# Water Pump Operation Help!



## Terraindad13 (Apr 23, 2017)

Hello everyone!

First off, I am a 6 day owner of my first ever travel trailer. I picked up a 2013 terrain 299tbh from my credit union that was a repo and love it. My family and I have had a great first camping experience this weekend and looking forward to many more.

My problem after going over the trailer is that I can't seem to get water using the fresh water tank. We used city water over the weekend. When we git home, I filled the tank to the top and turn on the pump and nothing! I hear the pump but it never stops pumping. I also never get any water out of the faucets. Is rhere a switch or something to change from city usage to tank usage?

Thanks in advance!


----------



## Oregon_Camper (Sep 13, 2004)

I'm not familiar with your setup. Can you post a picture of the area where you fill the tank...make sure we can see everything in the area.

One thing to check is at the water pump, some have the ability to flip over to "Winterization" mode, where RV Antifreeze is pulled in from another tube. Make sure the valve is in the "normal" position.

If it is in Winterize mode, you might have done some damage to the water pump, by allowing it to run dry for so long.


----------



## Tourdfox (Oct 4, 2012)

That was my first thought. I bet the valve is turned for winterization mode.


----------



## Terraindad13 (Apr 23, 2017)

Might sound crazy but where is the pump located? The underbelly is enclosed so I would like to only remove what is necessary if possible.


----------



## Terraindad13 (Apr 23, 2017)

Also, here are the photos of where I fill the tank.


----------



## Terraindad13 (Apr 23, 2017)

Found the pump. I took off the line going to the camper and connected a hose going outside. I turned the pump on and the pump runs but no water is coming out. Any suggestions? Bad pump?


----------



## Terraindad13 (Apr 23, 2017)

Ok. Frustrated and final update for the night. I found the pump and inspected the pump. Found no winterization valve on the pump. Followed the lines from where I could see and saw no shut offs to stop flow.

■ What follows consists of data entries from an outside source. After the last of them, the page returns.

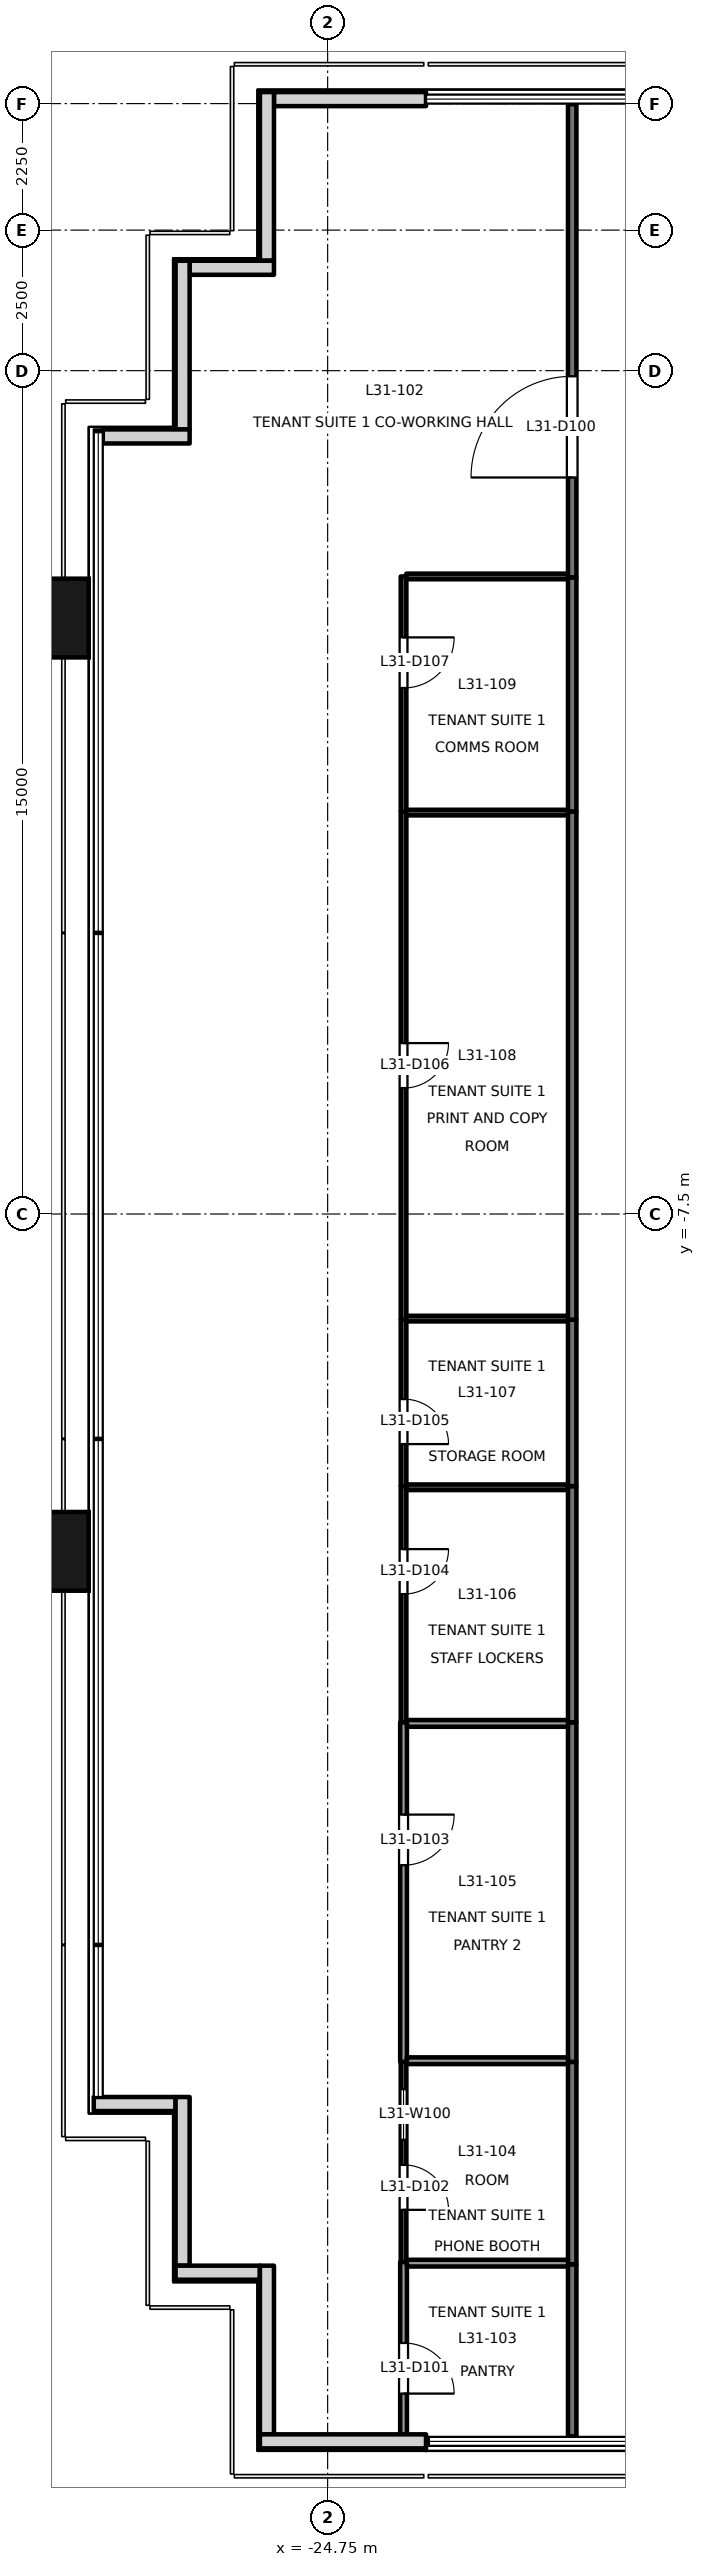
"""IFC4 building model, lengths in metres.
Left out: names, types, materials, properties, quantities, classifications, styles, units other than length and angle.
Written with IfcOpenShell. Run it as: python <this file> out.ifc"""

import sys

from ifc_helpers import new_model, si_unit, direction, frame, frame_2d, origin, origin_2d, place, context, subcontext, project, spatial, rectangle, extrude, element, fill, save


model = new_model("IFC4")
c1 = context("Model", 3, precision=1e-05, world=origin(), true_north=direction((0.0, 1.0)))
c2 = subcontext(c1, "Body", "Model", "MODEL_VIEW")
j1 = project(units=[si_unit("LENGTHUNIT", "METRE"), si_unit("PLANEANGLEUNIT", "RADIAN")], contexts=[c1])
p1 = place(None, origin())
s1 = spatial("IfcSite", under=j1, at=p1, CompositionType="ELEMENT")
p2 = place(p1, origin())
s2 = spatial("IfcBuilding", under=s1, at=p2, CompositionType="ELEMENT")
p3 = place(p2, frame((0.0, 0.0, 138.1)))
s3 = spatial("IfcBuildingStorey", under=s2, at=p3, CompositionType="ELEMENT", Elevation=138.1)
for number, where, z_axis, x_axis in (
    (1, (-29.9, -13.5, -0.2), (0.0, 0.0, 1.0), (0.0, 1.0, 0.0)),
    (2, (-29.9, 3.1, -0.2), (0.0, 0.0, 1.0), (0.0, 1.0, 0.0)),
):
    element("IfcColumn", number, at=place(p3, frame(where, z_axis=z_axis, x_axis=x_axis)), inside=s3, PredefinedType="COLUMN", context=c2, shape_type="SweptSolid", body=[
        extrude(rectangle(XDim=1.4, YDim=1.8, at=origin_2d()), origin(), (0.0, 0.0, 1.0), 4.0),
    ])
p4 = place(p3, frame((-23.0, 12.33, 0.0), z_axis=(0.0, 0.0, 1.0), x_axis=(-1.0, 0.0, 0.0)))
e3 = element("IfcWall", 3, at=p4, inside=s3, PredefinedType="SOLIDWALL", context=c2, shape_type="SweptSolid", body=[
    extrude(rectangle(XDim=2.705, YDim=0.25, at=frame_2d((1.353, 0.0))), origin(), (0.0, 0.0, 1.0), 3.8),
])
p5 = place(p3, frame((-25.83, 12.455, 0.0), z_axis=(0.0, 0.0, 1.0), x_axis=(0.0, -1.0, 0.0)))
e4 = element("IfcWall", 4, at=p5, inside=s3, PredefinedType="SOLIDWALL", context=c2, shape_type="SweptSolid", body=[
    extrude(rectangle(XDim=3.0, YDim=0.25, at=frame_2d((1.5, 0.0))), origin(), (0.0, 0.0, 1.0), 3.8),
])
p6 = place(p3, frame((-25.705, 9.33, 0.0), z_axis=(0.0, 0.0, 1.0), x_axis=(-1.0, 0.0, 0.0)))
e5 = element("IfcWall", 5, at=p6, inside=s3, PredefinedType="SOLIDWALL", context=c2, shape_type="SweptSolid", body=[
    extrude(rectangle(XDim=1.5, YDim=0.25, at=frame_2d((0.75, 0.0))), origin(), (0.0, 0.0, 1.0), 3.8),
])
p7 = place(p3, frame((-27.33, 9.455, 0.0), z_axis=(0.0, 0.0, 1.0), x_axis=(0.0, -1.0, 0.0)))
e6 = element("IfcWall", 6, at=p7, inside=s3, PredefinedType="SOLIDWALL", context=c2, shape_type="SweptSolid", body=[
    extrude(rectangle(XDim=3.0, YDim=0.25, at=frame_2d((1.5, 0.0))), origin(), (0.0, 0.0, 1.0), 3.8),
])
p8 = place(p3, frame((-27.205, 6.33, 0.0), z_axis=(0.0, 0.0, 1.0), x_axis=(-1.0, 0.0, 0.0)))
e7 = element("IfcWall", 7, at=p8, inside=s3, PredefinedType="SOLIDWALL", context=c2, shape_type="SweptSolid", body=[
    extrude(rectangle(XDim=1.545, YDim=0.25, at=frame_2d((0.772, 0.0))), origin(), (0.0, 0.0, 1.0), 3.8),
])
p9 = place(p3, frame((-28.91, -23.33, 0.0), z_axis=(0.0, 0.0, 1.0), x_axis=(1.0, 0.0, 0.0)))
e8 = element("IfcWall", 8, at=p9, inside=s3, PredefinedType="SOLIDWALL", context=c2, shape_type="SweptSolid", body=[
    extrude(rectangle(XDim=1.455, YDim=0.25, at=frame_2d((0.728, 0.0))), origin(), (0.0, 0.0, 1.0), 3.8),
])
p10 = place(p3, frame((-27.33, -23.205, 0.0), z_axis=(0.0, 0.0, 1.0), x_axis=(0.0, -1.0, 0.0)))
e9 = element("IfcWall", 9, at=p10, inside=s3, PredefinedType="SOLIDWALL", context=c2, shape_type="SweptSolid", body=[
    extrude(rectangle(XDim=3.0, YDim=0.25, at=frame_2d((1.5, 0.0))), origin(), (0.0, 0.0, 1.0), 3.8),
])
p11 = place(p3, frame((-27.455, -26.33, 0.0), z_axis=(0.0, 0.0, 1.0), x_axis=(1.0, 0.0, 0.0)))
e10 = element("IfcWall", 10, at=p11, inside=s3, PredefinedType="SOLIDWALL", context=c2, shape_type="SweptSolid", body=[
    extrude(rectangle(XDim=1.5, YDim=0.25, at=frame_2d((0.75, 0.0))), origin(), (0.0, 0.0, 1.0), 3.8),
])
p12 = place(p3, frame((-25.83, -26.205, 0.0), z_axis=(0.0, 0.0, 1.0), x_axis=(0.0, -1.0, 0.0)))
e11 = element("IfcWall", 11, at=p12, inside=s3, PredefinedType="SOLIDWALL", context=c2, shape_type="SweptSolid", body=[
    extrude(rectangle(XDim=3.0, YDim=0.25, at=frame_2d((1.5, 0.0))), origin(), (0.0, 0.0, 1.0), 3.8),
])
p13 = place(p3, frame((-25.955, -29.33, 0.0), z_axis=(0.0, 0.0, 1.0), x_axis=(1.0, 0.0, 0.0)))
e12 = element("IfcWall", 12, at=p13, inside=s3, PredefinedType="SOLIDWALL", context=c2, shape_type="SweptSolid", body=[
    extrude(rectangle(XDim=2.955, YDim=0.25, at=frame_2d((1.478, 0.0))), origin(), (0.0, 0.0, 1.0), 3.8),
])
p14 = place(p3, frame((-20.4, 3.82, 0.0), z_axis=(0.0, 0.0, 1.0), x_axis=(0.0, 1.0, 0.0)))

Everything works fine when on city water. I even took the line off the side going to the camper and put it on a 3 ft water hose to see if water would come from the tank and out of the hose, and again, nothing! Is it possible that even though the pump is making a pumping noise when the switch is turned on that the pump could be bad? I can buy the exact same pump online for $49.

I just don't want to waste money if the pump is not the problem.

Thanks for putting up with me!


----------



## Oregon_Camper (Sep 13, 2004)

Take the hose off both ends of the pump. Can you fell air being pulled into the intake side and air coming out of the other side?

Finally...how about a picture of the water pump before you take all the hoses off?


----------



## thefulminator (Aug 8, 2007)

When you hear the pump running, does the water level in the tank drop? Can it be filled more after running the pump? You could be pumping water out of the low point drains.


----------



## Leedek (Nov 28, 2010)

From my experience when hooked up to city water the pressure from the city water system is what allows water to flow in your trailer, pump or no pump. I had a similar problem while travelling. I took the pump out and disassembled it. The diagram was clogged with a couple of bits of debris. I put it back together and it still runs today.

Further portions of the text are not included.